An independent general election candidate running in the Donegal constituency is claiming that Ireland cannot cope with what he terms is a “deluge of bogus asylum seekers and chancers that live off the generosity of the Irish taxpayer.”
Outspoken Niall McConnell has expressed reservations about the huge changes that have taken place in Irish society in recent times, and one of his election slogans is “Ireland for the Irish.”
Describing himself as an Irish patriot, he says that “not since 1918 has there been a more critical time in the political life of our nation.” He has embarked on an extensive campaign around the constituency, erecting his own posters and posting videos online.
He says that he has received a warm reception on many doorsteps, and claims that many people that he has spoken with, especially in Letterkenny, “are fed up with the massive influx of the ‘New Irish’ into our towns and villages.”
Regarding the integration of non-nationals he suggests that more efforts should be put into integrating with “our cousins in the north” before attempting to integrate with what he termed as “strangers from the Middle East.”
He says that if he is elected as a TD to represent Donegal, he will push for a deportation unit “to remove all illegal aliens from the state” and he will also seek the immediate repatriation of “all non-economically productive migrants, failed asylum seekers and foreign criminals.”
Reacting to his comments, Pippa Woolnough, Communications and Advocacy Manager, Immigrant Council of Ireland, said, “Candidates may attempt to win votes by hurting people and dividing communities; it’s up to all of us, including the media and political parties, to ensure this is not a successful strategy.
“In a general election voters are looking for vision, progress and solutions which involve them.

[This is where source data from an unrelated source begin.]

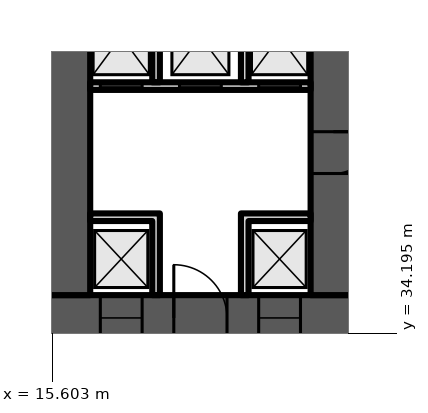
"""IFC4 building model, lengths in metres.
Left out: names, types, materials, properties, quantities, classifications, styles, units other than length and angle.
Written with IfcOpenShell. Run it as: python <this file> out.ifc"""

import sys

from ifc_helpers import new_model, si_unit, direction, frame, frame_2d, origin, place, context, subcontext, project, spatial, polyline, rectangle, outline, extrude, element, fill, save


model = new_model("IFC4")
c1 = context("Model", 3, precision=1e-05, world=origin(), true_north=direction((0.0, 1.0)))
c2 = subcontext(c1, "Body", "Model", "MODEL_VIEW")
j1 = project(units=[si_unit("LENGTHUNIT", "METRE"), si_unit("PLANEANGLEUNIT", "RADIAN")], contexts=[c1])
p1 = place(None, origin())
s1 = spatial("IfcSite", under=j1, at=p1, CompositionType="ELEMENT")
p2 = place(p1, origin())
s2 = spatial("IfcBuilding", under=s1, at=p2, CompositionType="ELEMENT")
p3 = place(p2, frame((0.0, 0.0, 66.7)))
s3 = spatial("IfcBuildingStorey", under=s2, at=p3, CompositionType="ELEMENT", Elevation=66.7)
p4 = place(p3, frame((9.0, 34.6, 0.0), z_axis=(0.0, 0.0, 1.0), x_axis=(1.0, 0.0, 0.0)))
e1 = element("IfcWall", 1, at=p4, inside=s3, PredefinedType="SHEAR", context=c2, shape_type="SweptSolid", body=[
    extrude(rectangle(XDim=56.0, YDim=1.2, at=frame_2d((28.0, 0.0))), origin(), (0.0, 0.0, 1.0), 3.6),
])
p5 = place(p4, frame((2.0, 0.0, 0.0)))
e2 = element("IfcOpeningElement", 2, at=p5, cuts=e1, PredefinedType="OPENING", context=c2, shape_type="SweptSolid", body=[
    extrude(rectangle(XDim=1.0, YDim=2.1, at=frame_2d((0.5, 1.05))), frame((0.0, 0.61, 0.0), z_axis=(0.0, -1.0, 0.0), x_axis=(1.0, 0.0, 0.0)), (0.0, 0.0, 1.0), 1.22),
])
p6 = place(p4, frame((4.6, 0.0, 0.0)))
e3 = element("IfcOpeningElement", 3, at=p6, cuts=e1, PredefinedType="OPENING", context=c2, shape_type="SweptSolid", body=[
    extrude(rectangle(XDim=1.0, YDim=2.1, at=frame_2d((0.5, 1.05))), frame((0.0, 0.61, 0.0), z_axis=(0.0, -1.0, 0.0), x_axis=(1.0, 0.0, 0.0)), (0.0, 0.0, 1.0), 1.22),
])
p7 = place(p4, frame((7.867, 0.0, 0.0)))
e4 = element("IfcOpeningElement", 4, at=p7, cuts=e1, PredefinedType="OPENING", context=c2, shape_type="SweptSolid", body=[
    extrude(rectangle(XDim=1.1, YDim=2.1, at=frame_2d((0.55, 1.05))), frame((0.0, 0.61, 0.0), z_axis=(0.0, -1.0, 0.0), x_axis=(1.0, 0.0, 0.0)), (0.0, 0.0, 1.0), 1.22),
])
p8 = place(p4, frame((12.033, 0.0, 0.0)))
e5 = element("IfcOpeningElement", 5, at=p8, cuts=e1, PredefinedType="OPENING", context=c2, shape_type="SweptSolid", body=[
    extrude(rectangle(XDim=1.1, YDim=2.1, at=frame_2d((0.55, 1.05))), frame((0.0, 0.61, 0.0), z_axis=(0.0, -1.0, 0.0), x_axis=(1.0, 0.0, 0.0)), (0.0, 0.0, 1.0), 1.22),
])
p9 = place(p4, frame((9.8, 0.0, 0.0)))
e6 = element("IfcOpeningElement", 6, at=p9, cuts=e1, PredefinedType="OPENING", context=c2, shape_type="SweptSolid", body=[
    extrude(rectangle(XDim=1.4, YDim=2.1, at=frame_2d((0.7, 1.05))), frame((0.0, 0.61, 0.0), z_axis=(0.0, -1.0, 0.0), x_axis=(1.0, 0.0, 0.0)), (0.0, 0.0, 1.0), 1.22),
])
p10 = place(p4, frame((14.65, 0.0, 0.0)))
e7 = element("IfcOpeningElement", 7, at=p10, cuts=e1, PredefinedType="OPENING", context=c2, shape_type="SweptSolid", body=[
    extrude(rectangle(XDim=1.2, YDim=2.1, at=frame_2d((0.6, 1.05))), frame((0.0, 0.61, 0.0), z_axis=(0.0, -1.0, 0.0), x_axis=(1.0, 0.0, 0.0)), (0.0, 0.0, 1.0), 1.22),
])
p11 = place(p4, frame((21.867, 0.0, 0.0)))
e8 = element("IfcOpeningElement", 8, at=p11, cuts=e1, PredefinedType="OPENING", context=c2, shape_type="SweptSolid", body=[
    extrude(rectangle(XDim=1.1, YDim=2.1, at=frame_2d((0.55, 1.05))), frame((0.0, 0.61, 0.0), z_axis=(0.0, -1.0, 0.0), x_axis=(1.0, 0.0, 0.0)), (0.0, 0.0, 1.0), 1.22),
])
p12 = place(p4, frame((26.033, 0.0, 0.0)))
e9 = element("IfcOpeningElement", 9, at=p12, cuts=e1, PredefinedType="OPENING", context=c2, shape_type="SweptSolid", body=[
    extrude(rectangle(XDim=1.1, YDim=2.1, at=frame_2d((0.55, 1.05))), frame((0.0, 0.61, 0.0), z_axis=(0.0, -1.0, 0.0), x_axis=(1.0, 0.0, 0.0)), (0.0, 0.0, 1.0), 1.22),
])
p13 = place(p4, frame((23.8, 0.0, 0.0)))
e10 = element("IfcOpeningElement", 10, at=p13, cuts=e1, PredefinedType="OPENING", context=c2, shape_type="SweptSolid", body=[
    extrude(rectangle(XDim=1.4, YDim=2.1, at=frame_2d((0.7, 1.05))), frame((0.0, 0.61, 0.0), z_axis=(0.0, -1.0, 0.0), x_axis=(1.0, 0.0, 0.0)), (0.0, 0.0, 1.0), 1.22),
])
p14 = place(p4, frame((28.867, 0.0, 0.0)))
e11 = element("IfcOpeningElement", 11, at=p14, cuts=e1, PredefinedType="OPENING", context=c2, shape_type="SweptSolid", body=[
    extrude(rectangle(XDim=1.1, YDim=2.1, at=frame_2d((0.55, 1.05))), frame((0.0, 0.61, 0.0), z_axis=(0.0, -1.0, 0.0), x_axis=(1.0, 0.0, 0.0)), (0.0, 0.0, 1.0), 1.22),
])
p15 = place(p4, frame((33.033, 0.0, 0.0)))
e12 = element("IfcOpeningElement", 12, at=p15, cuts=e1, PredefinedType="OPENING", context=c2, shape_type="SweptSolid", body=[
    extrude(rectangle(XDim=1.1, YDim=2.1, at=frame_2d((0.55, 1.05))), frame((0.0, 0.61, 0.0), z_axis=(0.0, -1.0, 0.0), x_axis=(1.0, 0.0, 0.0)), (0.0, 0.0, 1.0), 1.22),
])
p16 = place(p4, frame((40.15, 0.0, 0.0)))
e13 = element("IfcOpeningElement", 13, at=p16, cuts=e1, PredefinedType="OPENING", context=c2, shape_type="SweptSolid", body=[
    extrude(rectangle(XDim=1.2, YDim=2.1, at=frame_2d((0.6, 1.05))), frame((0.0, 0.61, 0.0), z_axis=(0.0, -1.0, 0.0), x_axis=(1.0, 0.0, 0.0)), (0.0, 0.0, 1.0), 1.22),
])
p17 = place(p4, frame((44.8, 0.0, 0.0)))
e14 = element("IfcOpeningElement", 14, at=p17, cuts=e1, PredefinedType="OPENING", context=c2, shape_type="SweptSolid", body=[
    extrude(rectangle(XDim=1.4, YDim=2.1, at=frame_2d((0.7, 1.05))), frame((0.0, 0.61, 0.0), z_axis=(0.0, -1.0, 0.0), x_axis=(1.0, 0.0, 0.0)), (0.0, 0.0, 1.0), 1.22),
])
p18 = place(p4, frame((49.867, 0.0, 0.0)))
e15 = element("IfcOpeningElement", 15, at=p18, cuts=e1, PredefinedType="OPENING", context=c2, shape_type="SweptSolid", body=[
    extrude(rectangle(XDim=1.1, YDim=2.1, at=frame_2d((0.55, 1.05))), frame((0.0, 0.61, 0.0), z_axis=(0.0, -1.0, 0.0), x_axis=(1.0, 0.0, 0.0)), (0.0, 0.0, 1.0), 1.22),
])
p19 = place(p4, frame((53.5, 0.0, 0.0)))
e16 = element("IfcOpeningElement", 16, at=p19, cuts=e1, PredefinedType="OPENING", context=c2, shape_type="SweptSolid", body=[
    extrude(rectangle(XDim=1.1, YDim=2.1, at=frame_2d((0.55, 1.05))), frame((0.0, 0.61, 0.0), z_axis=(0.0, -1.0, 0.0), x_axis=(1.0, 0.0, 0.0)), (0.0, 0.0, 1.0), 1.22),
])
p20 = place(p4, frame((51.567, 0.0, 0.0)))
e17 = element("IfcOpeningElement", 17, at=p20, cuts=e1, PredefinedType="OPENING", context=c2, shape_type="SweptSolid", body=[
    extrude(rectangle(XDim=1.4, YDim=2.1, at=frame_2d((0.7, 1.05))), frame((0.0, 0.61, 0.0), z_axis=(0.0, -1.0, 0.0), x_axis=(1.0, 0.0, 0.0)), (0.0, 0.0, 1.0), 1.22),
])
p21 = place(p3, frame((16.0, 35.2, 0.0), z_axis=(0.0, 0.0, 1.0), x_axis=(0.0, 1.0, 0.0)))
e18 = element("IfcWall", 18, at=p21, inside=s3, PredefinedType="SHEAR", context=c2, shape_type="SweptSolid", body=[
    extrude(rectangle(XDim=12.943, YDim=1.2, at=frame_2d((6.471, 0.0))), origin(), (0.0, 0.0, 1.0), 3.6),
])
p22 = place(p21, frame((9.6, 0.0, 0.0)))
e19 = element("IfcOpeningElement", 19, at=p22, cuts=e18, PredefinedType="OPENING", context=c2, shape_type="SweptSolid", body=[
    extrude(rectangle(XDim=1.0, YDim=2.1, at=frame_2d((0.5, 1.05))), frame((0.0, 0.61, 0.0), z_axis=(0.0, -1.0, 0.0), x_axis=(1.0, 0.0, 0.0)), (0.0, 0.0, 1.0), 1.22),
])
p23 = place(p3, frame((23.0, 35.2, 0.0), z_axis=(0.0, 0.0, 1.0), x_axis=(0.0, 1.0, 0.0)))
e20 = element("IfcWall", 20, at=p23, inside=s3, PredefinedType="SHEAR", context=c2, shape_type="SweptSolid", body=[
    extrude(rectangle(XDim=13.555, YDim=1.2, at=frame_2d((6.778, 0.0))), origin(), (0.0, 0.0, 1.0), 3.6),
])
p24 = place(p23, frame((10.414, 0.0, 0.0)))
e21 = element("IfcOpeningElement", 21, at=p24, cuts=e20, PredefinedType="OPENING", context=c2, shape_type="SweptSolid", body=[
    extrude(rectangle(XDim=1.0, YDim=2.1, at=frame_2d((0.5, 1.05))), frame((0.0, 0.61, 0.0), z_axis=(0.0, -1.0, 0.0), x_axis=(1.0, 0.0, 0.0)), (0.0, 0.0, 1.0), 1.22),
])
p25 = place(p23, frame((3.2, 0.0, 0.0)))
e22 = element("IfcOpeningElement", 22, at=p25, cuts=e20, PredefinedType="OPENING", context=c2, shape_type="SweptSolid", body=[
    extrude(rectangle(XDim=1.1, YDim=2.1, at=frame_2d((0.55, 1.05))), frame((0.0, 0.61, 0.0), z_axis=(0.0, -1.0, 0.0), x_axis=(1.0, 0.0, 0.0)), (0.0, 0.0, 1.0), 1.22),
])
p26 = place(p3, frame((16.6, 40.7, 0.0), z_axis=(0.0, 0.0, 1.0), x_axis=(1.0, 0.0, 0.0)))
e23 = element("IfcWall", 23, at=p26, inside=s3, PredefinedType="PARTITIONING", context=c2, shape_type="SweptSolid", body=[
    extrude(rectangle(XDim=5.8, YDim=0.2, at=frame_2d((2.9, 0.0))), origin(), (0.0, 0.0, 1.0), 3.2),
])
p27 = place(p26, frame((0.267, 0.0, 0.0)))
e24 = element("IfcOpeningElement", 24, at=p27, cuts=e23, PredefinedType="OPENING", context=c2, shape_type="SweptSolid", body=[
    extrude(rectangle(XDim=1.1, YDim=2.1, at=frame_2d((0.55, 1.05))), frame((0.0, 0.11, 0.0), z_axis=(0.0, -1.0, 0.0), x_axis=(1.0, 0.0, 0.0)), (0.0, 0.0, 1.0), 0.22),
])
p28 = place(p26, frame((2.35, 0.0, 0.0)))
e25 = element("IfcOpeningElement", 25, at=p28, cuts=e23, PredefinedType="OPENING", context=c2, shape_type="SweptSolid", body=[
    extrude(rectangle(XDim=1.1, YDim=2.1, at=frame_2d((0.55, 1.05))), frame((0.0, 0.11, 0.0), z_axis=(0.0, -1.0, 0.0), x_axis=(1.0, 0.0, 0.0)), (0.0, 0.0, 1.0), 0.22),
])
p29 = place(p26, frame((4.433, 0.0, 0.0)))
e26 = element("IfcOpeningElement", 26, at=p29, cuts=e23, PredefinedType="OPENING", context=c2, shape_type="SweptSolid", body=[
    extrude(rectangle(XDim=1.1, YDim=2.1, at=frame_2d((0.55, 1.05))), frame((0.0, 0.11, 0.0), z_axis=(0.0, -1.0, 0.0), x_axis=(1.0, 0.0, 0.0)), (0.0, 0.0, 1.0), 0.22),
])
p30 = place(p3, frame((0.0, 0.0, -0.0)))
e27 = element("IfcWall", 27, at=p30, inside=s3, PredefinedType="PARTITIONING", context=c2, shape_type="SweptSolid", body=[
    extrude(outline(polyline([(18.233, 37.15), (16.6, 37.15), (16.6, 37.35), (18.233, 37.35), (18.433, 37.35), (18.433, 35.2), (18.233, 35.2), (18.233, 37.15)])), origin(), (0.0, 0.0, 1.0), 3.2),
])
p31 = place(p3, frame((0.0, 0.0, -0.0)))
e28 = element("IfcWall", 28, at=p31, inside=s3, PredefinedType="PARTITIONING", context=c2, shape_type="SweptSolid", body=[
    extrude(outline(polyline([(20.567, 37.35), (20.767, 37.35), (22.4, 37.35), (22.4, 37.15), (20.767, 37.15), (20.767, 35.2), (20.567, 35.2), (20.567, 37.35)])), origin(), (0.0, 0.0, 1.0), 3.2),
])
p32 = place(p3, frame((0.0, 0.0, -0.0)))
e29 = element("IfcWall", 29, at=p32, inside=s3, PredefinedType="PARTITIONING", context=c2, shape_type="SweptSolid", body=[
    extrude(outline(polyline([(18.433, 40.8), (18.233, 40.8), (18.233, 43.8), (16.6, 43.8), (16.6, 44.0), (22.4, 44.0), (22.4, 43.8), (20.767, 43.8), (20.767, 40.8), (20.567, 40.8), (20.567, 43.8), (18.433, 43.8), (18.433, 40.8)])), origin(), (0.0, 0.0, 1.0), 3.2),
])
p33 = place(p7, origin())
e30 = element("IfcDoor", 30, at=p33, inside=s3, OperationType="DOUBLE_DOOR_SLIDING", PredefinedType="DOOR", context=c2, shape_type="SweptSolid", body=[
    extrude(rectangle(XDim=1.1, YDim=2.1, at=frame_2d((0.55, 1.05))), frame((0.0, 0.025, 0.0), z_axis=(0.0, -1.0, 0.0), x_axis=(1.0, 0.0, 0.0)), (0.0, 0.0, 1.0), 0.05),
])
fill(e4, e30)
p34 = place(p8, origin())
e31 = element("IfcDoor", 31, at=p34, inside=s3, OperationType="DOUBLE_DOOR_SLIDING", PredefinedType="DOOR", context=c2, shape_type="SweptSolid", body=[
    extrude(rectangle(XDim=1.1, YDim=2.1, at=frame_2d((0.55, 1.05))), frame((0.0, 0.025, 0.0), z_axis=(0.0, -1.0, 0.0), x_axis=(1.0, 0.0, 0.0)), (0.0, 0.0, 1.0), 0.05),
])
fill(e5, e31)
p35 = place(p9, origin())
e32 = element("IfcDoor", 32, at=p35, inside=s3, OperationType="DOUBLE_DOOR_SINGLE_SWING", PredefinedType="DOOR", context=c2, shape_type="SweptSolid", body=[
    extrude(rectangle(XDim=1.4, YDim=2.1, at=frame_2d((0.7, 1.05))), frame((0.0, 0.025, 0.0), z_axis=(0.0, -1.0, 0.0), x_axis=(1.0, 0.0, 0.0)), (0.0, 0.0, 1.0), 0.05),
])
fill(e6, e32)
p36 = place(p27, origin())
e33 = element("IfcDoor", 33, at=p36, inside=s3, OperationType="DOUBLE_DOOR_SLIDING", PredefinedType="DOOR", context=c2, shape_type="SweptSolid", body=[
    extrude(rectangle(XDim=1.1, YDim=2.1, at=frame_2d((0.55, 1.05))), frame((0.0, 0.025, 0.0), z_axis=(0.0, -1.0, 0.0), x_axis=(1.0, 0.0, 0.0)), (0.0, 0.0, 1.0), 0.05),
])
fill(e24, e33)
p37 = place(p28, origin())
e34 = element("IfcDoor", 34, at=p37, inside=s3, OperationType="DOUBLE_DOOR_SLIDING", PredefinedType="DOOR", context=c2, shape_type="SweptSolid", body=[
    extrude(rectangle(XDim=1.1, YDim=2.1, at=frame_2d((0.55, 1.05))), frame((0.0, 0.025, 0.0), z_axis=(0.0, -1.0, 0.0), x_axis=(1.0, 0.0, 0.0)), (0.0, 0.0, 1.0), 0.05),
])
fill(e25, e34)
p38 = place(p29, origin())
e35 = element("IfcDoor", 35, at=p38, inside=s3, OperationType="DOUBLE_DOOR_SLIDING", PredefinedType="DOOR", context=c2, shape_type="SweptSolid", body=[
    extrude(rectangle(XDim=1.1, YDim=2.1, at=frame_2d((0.55, 1.05))), frame((0.0, 0.025, 0.0), z_axis=(0.0, -1.0, 0.0), x_axis=(1.0, 0.0, 0.0)), (0.0, 0.0, 1.0), 0.05),
])
fill(e26, e35)
p39 = place(p25, origin())
e36 = element("IfcDoor", 36, at=p39, inside=s3, OperationType="SINGLE_SWING_RIGHT", PredefinedType="DOOR", context=c2, shape_type="SweptSolid", body=[
    extrude(rectangle(XDim=1.1, YDim=2.1, at=frame_2d((0.55, 1.05))), frame((0.0, 0.025, 0.0), z_axis=(0.0, -1.0, 0.0), x_axis=(1.0, 0.0, 0.0)), (0.0, 0.0, 1.0), 0.05),
])
fill(e22, e36)
save(model, sys.argv[1])

We are all part of a more connected world and the vast majority of Irish society recognises and enjoys the cultural and economic benefits this brings. Scapegoating ethnic and religious minority groups only builds divisions, stokes tension and steals oxygen from the more pressing issues.”
And she added: “Just last week the Immigrant Council of Ireland joined forces with 30 plus groups and organisations, including Ibec and the Irish Congress of Trade Unions, to call on candidates to double down against hate speech and instead focus on representing their constituencies in all their rich diversity.”